How do you like to go up in a swing,
Up in the air so blue?
Oh, I do think it the pleasantest thing
Ever a child can do!
Up in the air and over the wall,
Till I can see so wide
Rivers and trees and cattle and all
Over the countryside—
Till I look down on the garden green,
Down on the roof so brown—
Up in the air I go flying again,
Up in the air and down!
When I was a little kid, Dad would read something to me every night. This was one of my favorite poems because of the way he read it, with whimsy and flair. And, like the poem’s author, he was forever a blue-sky kind of guy.
Dad brought humor and an infectious appreciation of life’s little pleasures to our family—a counterpoint to my mother’s cynicism (which also had its place).
I used to joke that the most important thing my father taught me was to flush a toilet with my foot in a public bathroom. But what I mostly learned from him was to be kind and to treat people less fortunate than we with respect and kindness. A trip to the dry cleaners would always take too long because he knew all the counter people by name and something of their lives. As we left the dry cleaners, the employees would be laughing and smiling. It used to annoy the hell out of me. But he would tell me that he felt that he wanted to brighten part their day. And there were a few nurse’s aides at Wingate who would drop by his room to say Hi after their regular shifts. The social worker at Wingate told me this past week: “Everyone loved your father.”
In his final legal career, he dedicated himself to defending disabled people in court, on appeal, who had been denied social security disability income. He represented clients in many states, driving up and down the East Coast--for not much money (as we know). He knew his clients and their cases. He knew all the judges.. He usually won and took great pride in defeating the government—and always left the courtroom with a smile on his face.

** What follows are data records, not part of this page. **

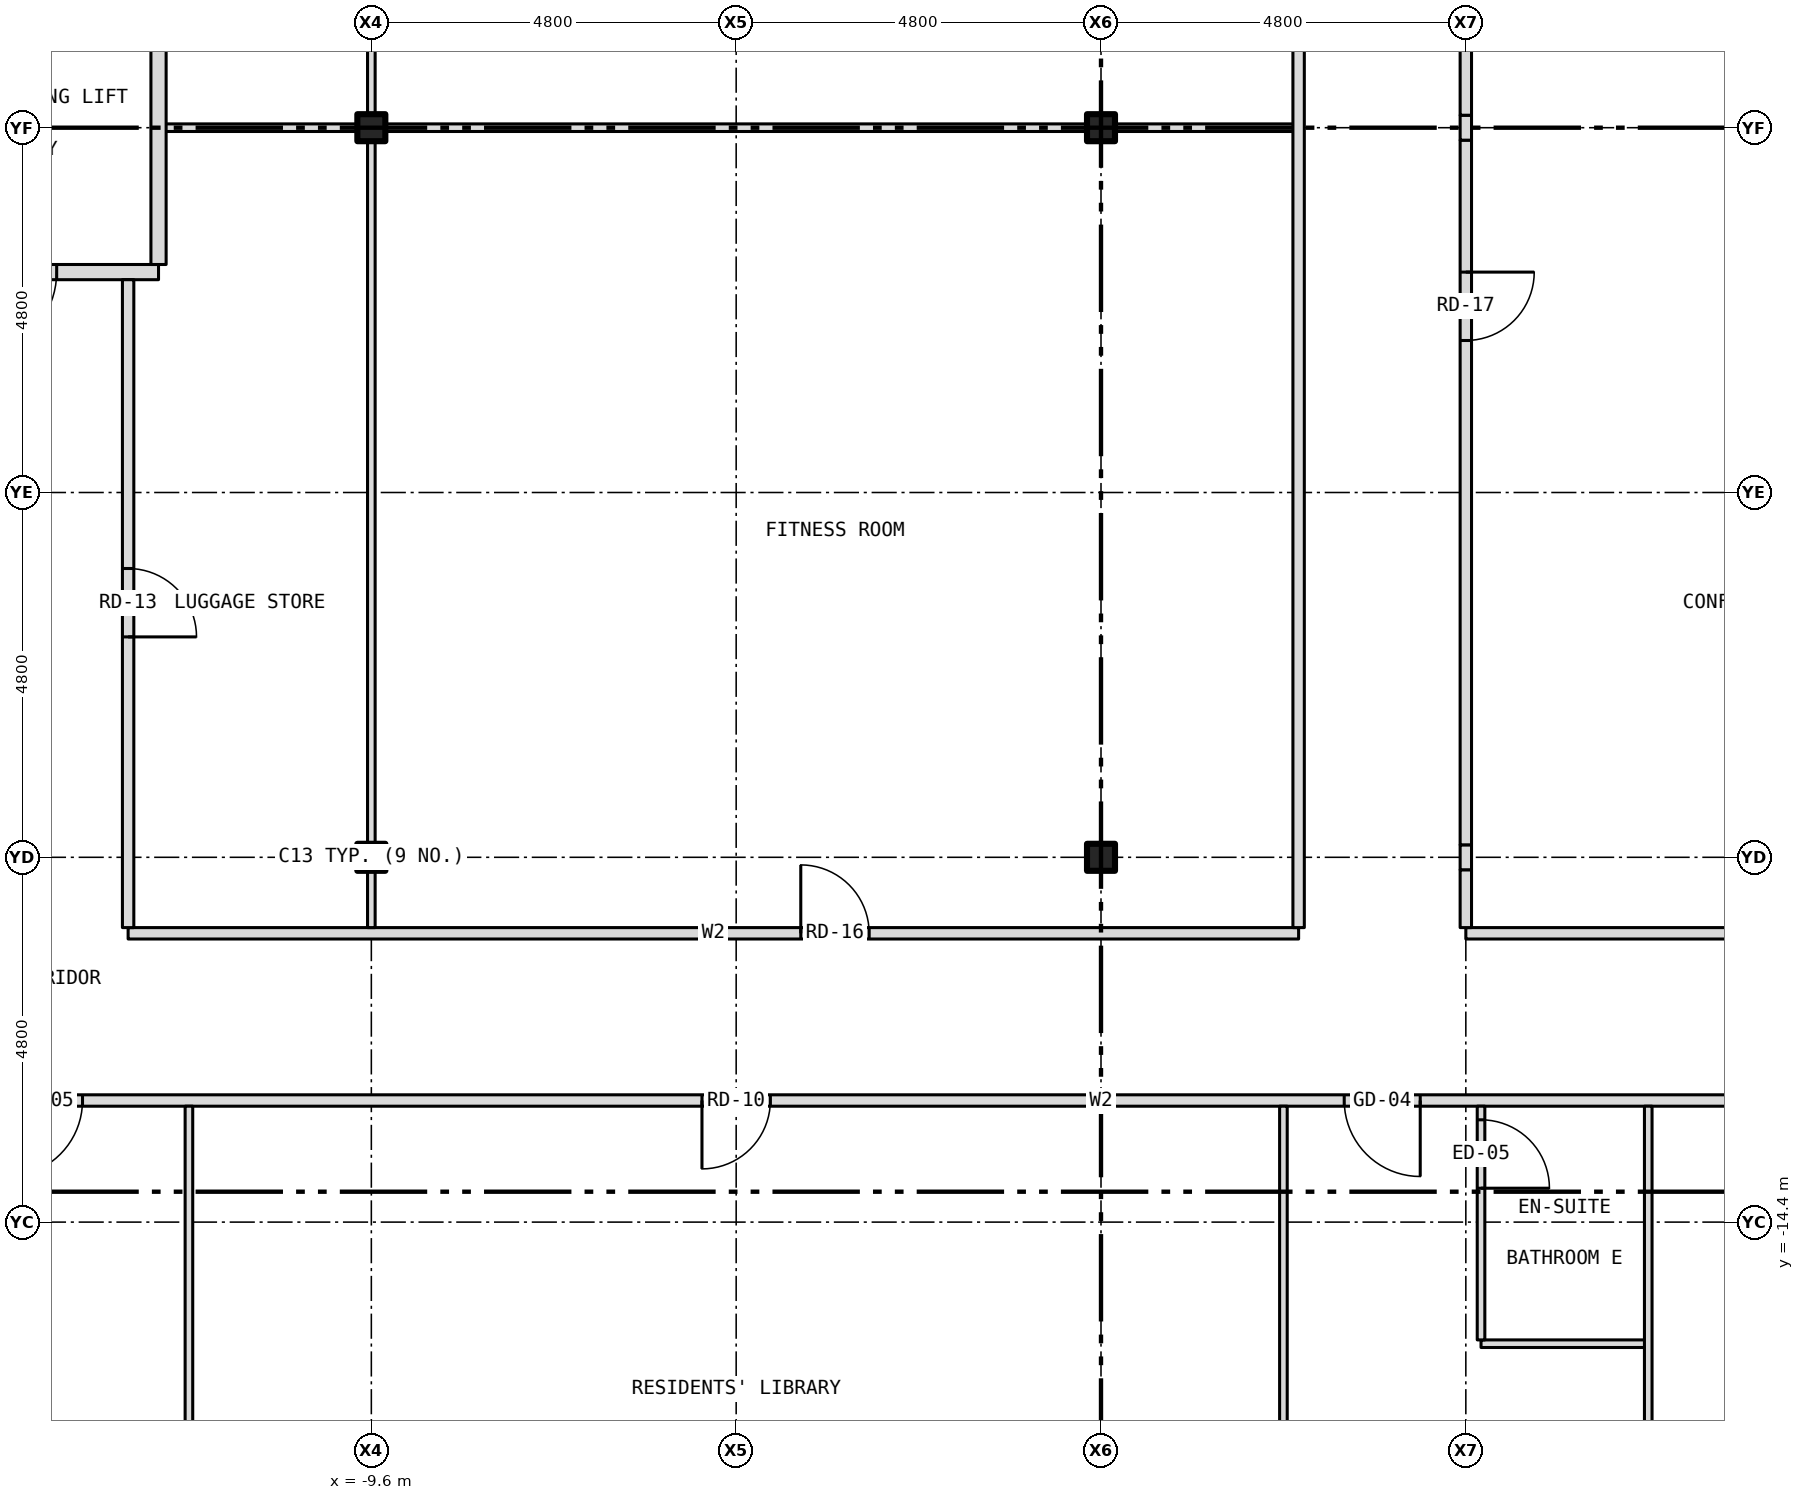
"""IFC4 building model, lengths in metres.
Left out: names, types, materials, properties, quantities, classifications, styles, units other than length and angle.
Written with IfcOpenShell. Run it as: python <this file> out.ifc"""

import sys

from ifc_helpers import new_model, si_unit, direction, frame, frame_2d, origin, origin_2d, place, context, subcontext, project, spatial, rectangle, i_section, extrude, element, fill, save


model = new_model("IFC4")
c1 = context("Model", 3, precision=1e-05, world=origin(), true_north=direction((0.0, 1.0)))
c2 = subcontext(c1, "Body", "Model", "MODEL_VIEW")
j1 = project(units=[si_unit("LENGTHUNIT", "METRE"), si_unit("PLANEANGLEUNIT", "RADIAN")], contexts=[c1])
p1 = place(None, origin())
s1 = spatial("IfcSite", under=j1, at=p1, CompositionType="ELEMENT")
p2 = place(p1, origin())
s2 = spatial("IfcBuilding", under=s1, at=p2, CompositionType="ELEMENT")
p3 = place(p2, frame((0.0, 0.0, 255.0)))
s3 = spatial("IfcBuildingStorey", under=s2, at=p3, CompositionType="ELEMENT", Elevation=255.0)
for number, where, z_axis, x_axis in (
    (1, (-9.6, -9.6, -0.15), (0.0, 0.0, 1.0), (1.0, 0.0, 0.0)),
    (2, (-9.6, 0.0, -0.15), (0.0, 0.0, 1.0), (1.0, 0.0, 0.0)),
    (3, (0.0, -9.6, -0.15), (0.0, 0.0, 1.0), (1.0, 0.0, 0.0)),
    (4, (0.0, 0.0, -0.15), (0.0, 0.0, 1.0), (1.0, 0.0, 0.0)),
):
    element("IfcColumn", number, at=place(p3, frame(where, z_axis=z_axis, x_axis=x_axis)), inside=s3, PredefinedType="COLUMN", context=c2, shape_type="SweptSolid", body=[
        extrude(i_section(OverallWidth=0.368, OverallDepth=0.356, WebThickness=0.011, FlangeThickness=0.018, at=origin_2d()), origin(), (0.0, 0.0, 1.0), 3.5),
    ])
p4 = place(p3, frame((5.0, -16.0, 0.0), z_axis=(0.0, 0.0, 1.0), x_axis=(1.0, 0.0, 0.0)))
e5 = element("IfcWall", 5, at=p4, inside=s3, PredefinedType="PARTITIONING", context=c2, shape_type="SweptSolid", body=[
    extrude(rectangle(XDim=2.2, YDim=0.1, at=frame_2d((1.1, 0.0))), origin(), (0.0, 0.0, 1.0), 3.35),
])
p5 = place(p3, frame((-15.8, -12.8, 0.0), z_axis=(0.0, 0.0, 1.0), x_axis=(1.0, 0.0, 0.0)))
e6 = element("IfcWall", 6, at=p5, inside=s3, PredefinedType="PARTITIONING", context=c2, shape_type="SweptSolid", body=[
    extrude(rectangle(XDim=31.6, YDim=0.15, at=frame_2d((15.8, 0.0))), origin(), (0.0, 0.0, 1.0), 3.35),
])
p6 = place(p5, frame((10.55, 0.0, 0.0)))
e7 = element("IfcOpeningElement", 7, at=p6, cuts=e6, PredefinedType="OPENING", context=c2, shape_type="SweptSolid", body=[
    extrude(rectangle(XDim=0.9, YDim=2.1, at=frame_2d((0.45, 1.05))), frame((0.0, 0.087, 0.0), z_axis=(0.0, -1.0, 0.0), x_axis=(1.0, 0.0, 0.0)), (0.0, 0.0, 1.0), 0.174),
])
p7 = place(p5, frame((19.0, 0.0, 0.0)))
e8 = element("IfcOpeningElement", 8, at=p7, cuts=e6, PredefinedType="OPENING", context=c2, shape_type="SweptSolid", body=[
    extrude(rectangle(XDim=1.0, YDim=2.1, at=frame_2d((0.5, 1.05))), frame((0.0, 0.087, 0.0), z_axis=(0.0, -1.0, 0.0), x_axis=(1.0, 0.0, 0.0)), (0.0, 0.0, 1.0), 0.174),
])
p8 = place(p5, frame((24.95, 0.0, 0.0)))
e9 = element("IfcOpeningElement", 9, at=p8, cuts=e6, PredefinedType="OPENING", context=c2, shape_type="SweptSolid", body=[
    extrude(rectangle(XDim=0.9, YDim=2.1, at=frame_2d((0.45, 1.05))), frame((0.0, 0.087, 0.0), z_axis=(0.0, -1.0, 0.0), x_axis=(1.0, 0.0, 0.0)), (0.0, 0.0, 1.0), 0.174),
])
p9 = place(p5, frame((1.4, 0.0, 0.0)))
e10 = element("IfcOpeningElement", 10, at=p9, cuts=e6, PredefinedType="OPENING", context=c2, shape_type="SweptSolid", body=[
    extrude(rectangle(XDim=1.0, YDim=2.1, at=frame_2d((0.5, 1.05))), frame((0.0, 0.087, 0.0), z_axis=(0.0, -1.0, 0.0), x_axis=(1.0, 0.0, 0.0)), (0.0, 0.0, 1.0), 0.174),
])
p10 = place(p5, frame((29.2, 0.0, 0.0)))
e11 = element("IfcOpeningElement", 11, at=p10, cuts=e6, PredefinedType="OPENING", context=c2, shape_type="SweptSolid", body=[
    extrude(rectangle(XDim=1.0, YDim=2.1, at=frame_2d((0.5, 1.05))), frame((0.0, 0.087, 0.0), z_axis=(0.0, -1.0, 0.0), x_axis=(1.0, 0.0, 0.0)), (0.0, 0.0, 1.0), 0.174),
])
p11 = place(p3, frame((-12.8, -10.6, 0.0), z_axis=(0.0, 0.0, 1.0), x_axis=(1.0, 0.0, 0.0)))
e12 = element("IfcWall", 12, at=p11, inside=s3, PredefinedType="PARTITIONING", context=c2, shape_type="SweptSolid", body=[
    extrude(rectangle(XDim=15.4, YDim=0.15, at=frame_2d((7.7, 0.0))), origin(), (0.0, 0.0, 1.0), 3.35),
])
p12 = place(p11, frame((8.85, 0.0, 0.0)))
e13 = element("IfcOpeningElement", 13, at=p12, cuts=e12, PredefinedType="OPENING", context=c2, shape_type="SweptSolid", body=[
    extrude(rectangle(XDim=0.9, YDim=2.1, at=frame_2d((0.45, 1.05))), frame((0.0, 0.087, 0.0), z_axis=(0.0, -1.0, 0.0), x_axis=(1.0, 0.0, 0.0)), (0.0, 0.0, 1.0), 0.174),
])
p13 = place(p3, frame((4.8, -10.6, 0.0), z_axis=(0.0, 0.0, 1.0), x_axis=(1.0, 0.0, 0.0)))
e14 = element("IfcWall", 14, at=p13, inside=s3, PredefinedType="PARTITIONING", context=c2, shape_type="SweptSolid", body=[
    extrude(rectangle(XDim=8.0, YDim=0.15, at=frame_2d((4.0, 0.0))), origin(), (0.0, 0.0, 1.0), 3.35),
])
p14 = place(p3, frame((-15.68, -1.9, 0.0), z_axis=(0.0, 0.0, 1.0), x_axis=(1.0, 0.0, 0.0)))
e15 = element("IfcWall", 15, at=p14, inside=s3, PredefinedType="PARTITIONING", context=c2, shape_type="SweptSolid", body=[
    extrude(rectangle(XDim=3.28, YDim=0.2, at=frame_2d((1.64, 0.0))), origin(), (0.0, 0.0, 1.0), 3.35),
])
p15 = place(p14, frame((0.84, 0.0, 0.0)))
e16 = element("IfcOpeningElement", 16, at=p15, cuts=e15, PredefinedType="OPENING", context=c2, shape_type="SweptSolid", body=[
    extrude(rectangle(XDim=1.1, YDim=2.1, at=frame_2d((0.55, 1.05))), frame((0.0, 0.112, 0.0), z_axis=(0.0, -1.0, 0.0), x_axis=(1.0, 0.0, 0.0)), (0.0, 0.0, 1.0), 0.224),
])
p16 = place(p3, frame((-12.4, 0.0, 0.0), z_axis=(0.0, 0.0, 1.0), x_axis=(1.0, 0.0, 0.0)))
e17 = element("IfcWall", 17, at=p16, inside=s3, PredefinedType="PARTITIONING", context=c2, shape_type="SweptSolid", body=[
    extrude(rectangle(XDim=2.616, YDim=0.1, at=frame_2d((1.308, 0.0))), origin(), (0.0, 0.0, 1.0), 2.728),
])
p17 = place(p3, frame((-9.784, 0.0, 0.0), z_axis=(0.0, 0.0, 1.0), x_axis=(1.0, 0.0, 0.0)))
e18 = element("IfcWall", 18, at=p17, inside=s3, PredefinedType="PARTITIONING", context=c2, shape_type="SweptSolid", body=[
    extrude(rectangle(XDim=0.368, YDim=0.1, at=frame_2d((0.184, 0.0))), origin(), (0.0, 0.0, 1.0), 3.35),
])
p18 = place(p3, frame((-9.416, 0.0, 0.0), z_axis=(0.0, 0.0, 1.0), x_axis=(1.0, 0.0, 0.0)))
e19 = element("IfcWall", 19, at=p18, inside=s3, PredefinedType="PARTITIONING", context=c2, shape_type="SweptSolid", body=[
    extrude(rectangle(XDim=9.232, YDim=0.1, at=frame_2d((4.616, 0.0))), origin(), (0.0, 0.0, 1.0), 2.728),
])
p19 = place(p3, frame((-0.184, 0.0, 0.0), z_axis=(0.0, 0.0, 1.0), x_axis=(1.0, 0.0, 0.0)))
e20 = element("IfcWall", 20, at=p19, inside=s3, PredefinedType="PARTITIONING", context=c2, shape_type="SweptSolid", body=[
    extrude(rectangle(XDim=0.368, YDim=0.1, at=frame_2d((0.184, 0.0))), origin(), (0.0, 0.0, 1.0), 3.35),
])
p20 = place(p3, frame((0.184, 0.0, 0.0), z_axis=(0.0, 0.0, 1.0), x_axis=(1.0, 0.0, 0.0)))
e21 = element("IfcWall", 21, at=p20, inside=s3, PredefinedType="PARTITIONING", context=c2, shape_type="SweptSolid", body=[
    extrude(rectangle(XDim=2.416, YDim=0.1, at=frame_2d((1.208, 0.0))), origin(), (0.0, 0.0, 1.0), 2.728),
])
p21 = place(p3, frame((-12.8, -10.525, 0.0), z_axis=(0.0, 0.0, 1.0), x_axis=(0.0, 1.0, 0.0)))
e22 = element("IfcWall", 22, at=p21, inside=s3, PredefinedType="PARTITIONING", context=c2, shape_type="SweptSolid", body=[
    extrude(rectangle(XDim=8.525, YDim=0.15, at=frame_2d((4.262, 0.0))), origin(), (0.0, 0.0, 1.0), 3.35),
])
p22 = place(p21, frame((3.825, 0.0, 0.0)))
e23 = element("IfcOpeningElement", 23, at=p22, cuts=e22, PredefinedType="OPENING", context=c2, shape_type="SweptSolid", body=[
    extrude(rectangle(XDim=0.9, YDim=2.1, at=frame_2d((0.45, 1.05))), frame((0.0, 0.087, 0.0), z_axis=(0.0, -1.0, 0.0), x_axis=(1.0, 0.0, 0.0)), (0.0, 0.0, 1.0), 0.174),
])
p23 = place(p3, frame((-12.4, -1.8, 0.0), z_axis=(0.0, 0.0, 1.0), x_axis=(0.0, 1.0, 0.0)))
e24 = element("IfcWall", 24, at=p23, inside=s3, PredefinedType="PARTITIONING", context=c2, shape_type="SweptSolid", body=[
    extrude(rectangle(XDim=4.0, YDim=0.2, at=frame_2d((2.0, 0.0))), origin(), (0.0, 0.0, 1.0), 3.35),
])
p24 = place(p3, frame((-12.0, -20.73, 0.0), z_axis=(0.0, 0.0, 1.0), x_axis=(0.0, 1.0, 0.0)))
e25 = element("IfcWall", 25, at=p24, inside=s3, PredefinedType="PARTITIONING", context=c2, shape_type="SweptSolid", body=[
    extrude(rectangle(XDim=7.855, YDim=0.1, at=frame_2d((3.927, 0.0))), origin(), (0.0, 0.0, 1.0), 3.35),
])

As we know, he told stories. Really, really, really long stories. One Thanksgiving, I had brought my friends Kris and Burke to Boston and we ate at the Top of the Hub. At the bar, waiting for the table---I had gone to the restroom (where I had flushed the toilet with my foot)—he had begun what was basically the story of his life and his careers—including his many disappointments. The story continued at the table through four courses and coffee. I was ready to strangle him. But my friends were amazed at the way he narrated his story; they had never heard anyone tell a story quite like that.
He was a proud father to Darcie and me and a proud grandfather of Alle and John. He was also a proud father-in-law. He bragged about us all. In his final years, he was so thankful, as am I, to Bill and Sinesia for helping him live a comfortable and secure old age.
He was tough. He reinvented himself through enormous financial reversals; he lived on bravely after the untimely and tragic deaths to cancer, first of his wife and then his daughter—our beloved Darcie. And we thought—prematurely—that he had beaten Coronavirus.
I assumed that he felt aggrieved sometimes--that life had given him a raw deal. And during my last visit with him, what seems like a century ago (four months back), we really talked. Like many sons and fathers, we eventually, finally, managed to have a real talk. I was surprised to hear him say that he thought he had had the luckiest and fullest life of anyone he knew. So that was Dick Lubart. We celebrate his spirit today. I will miss him –and, I guess, the long stories, too.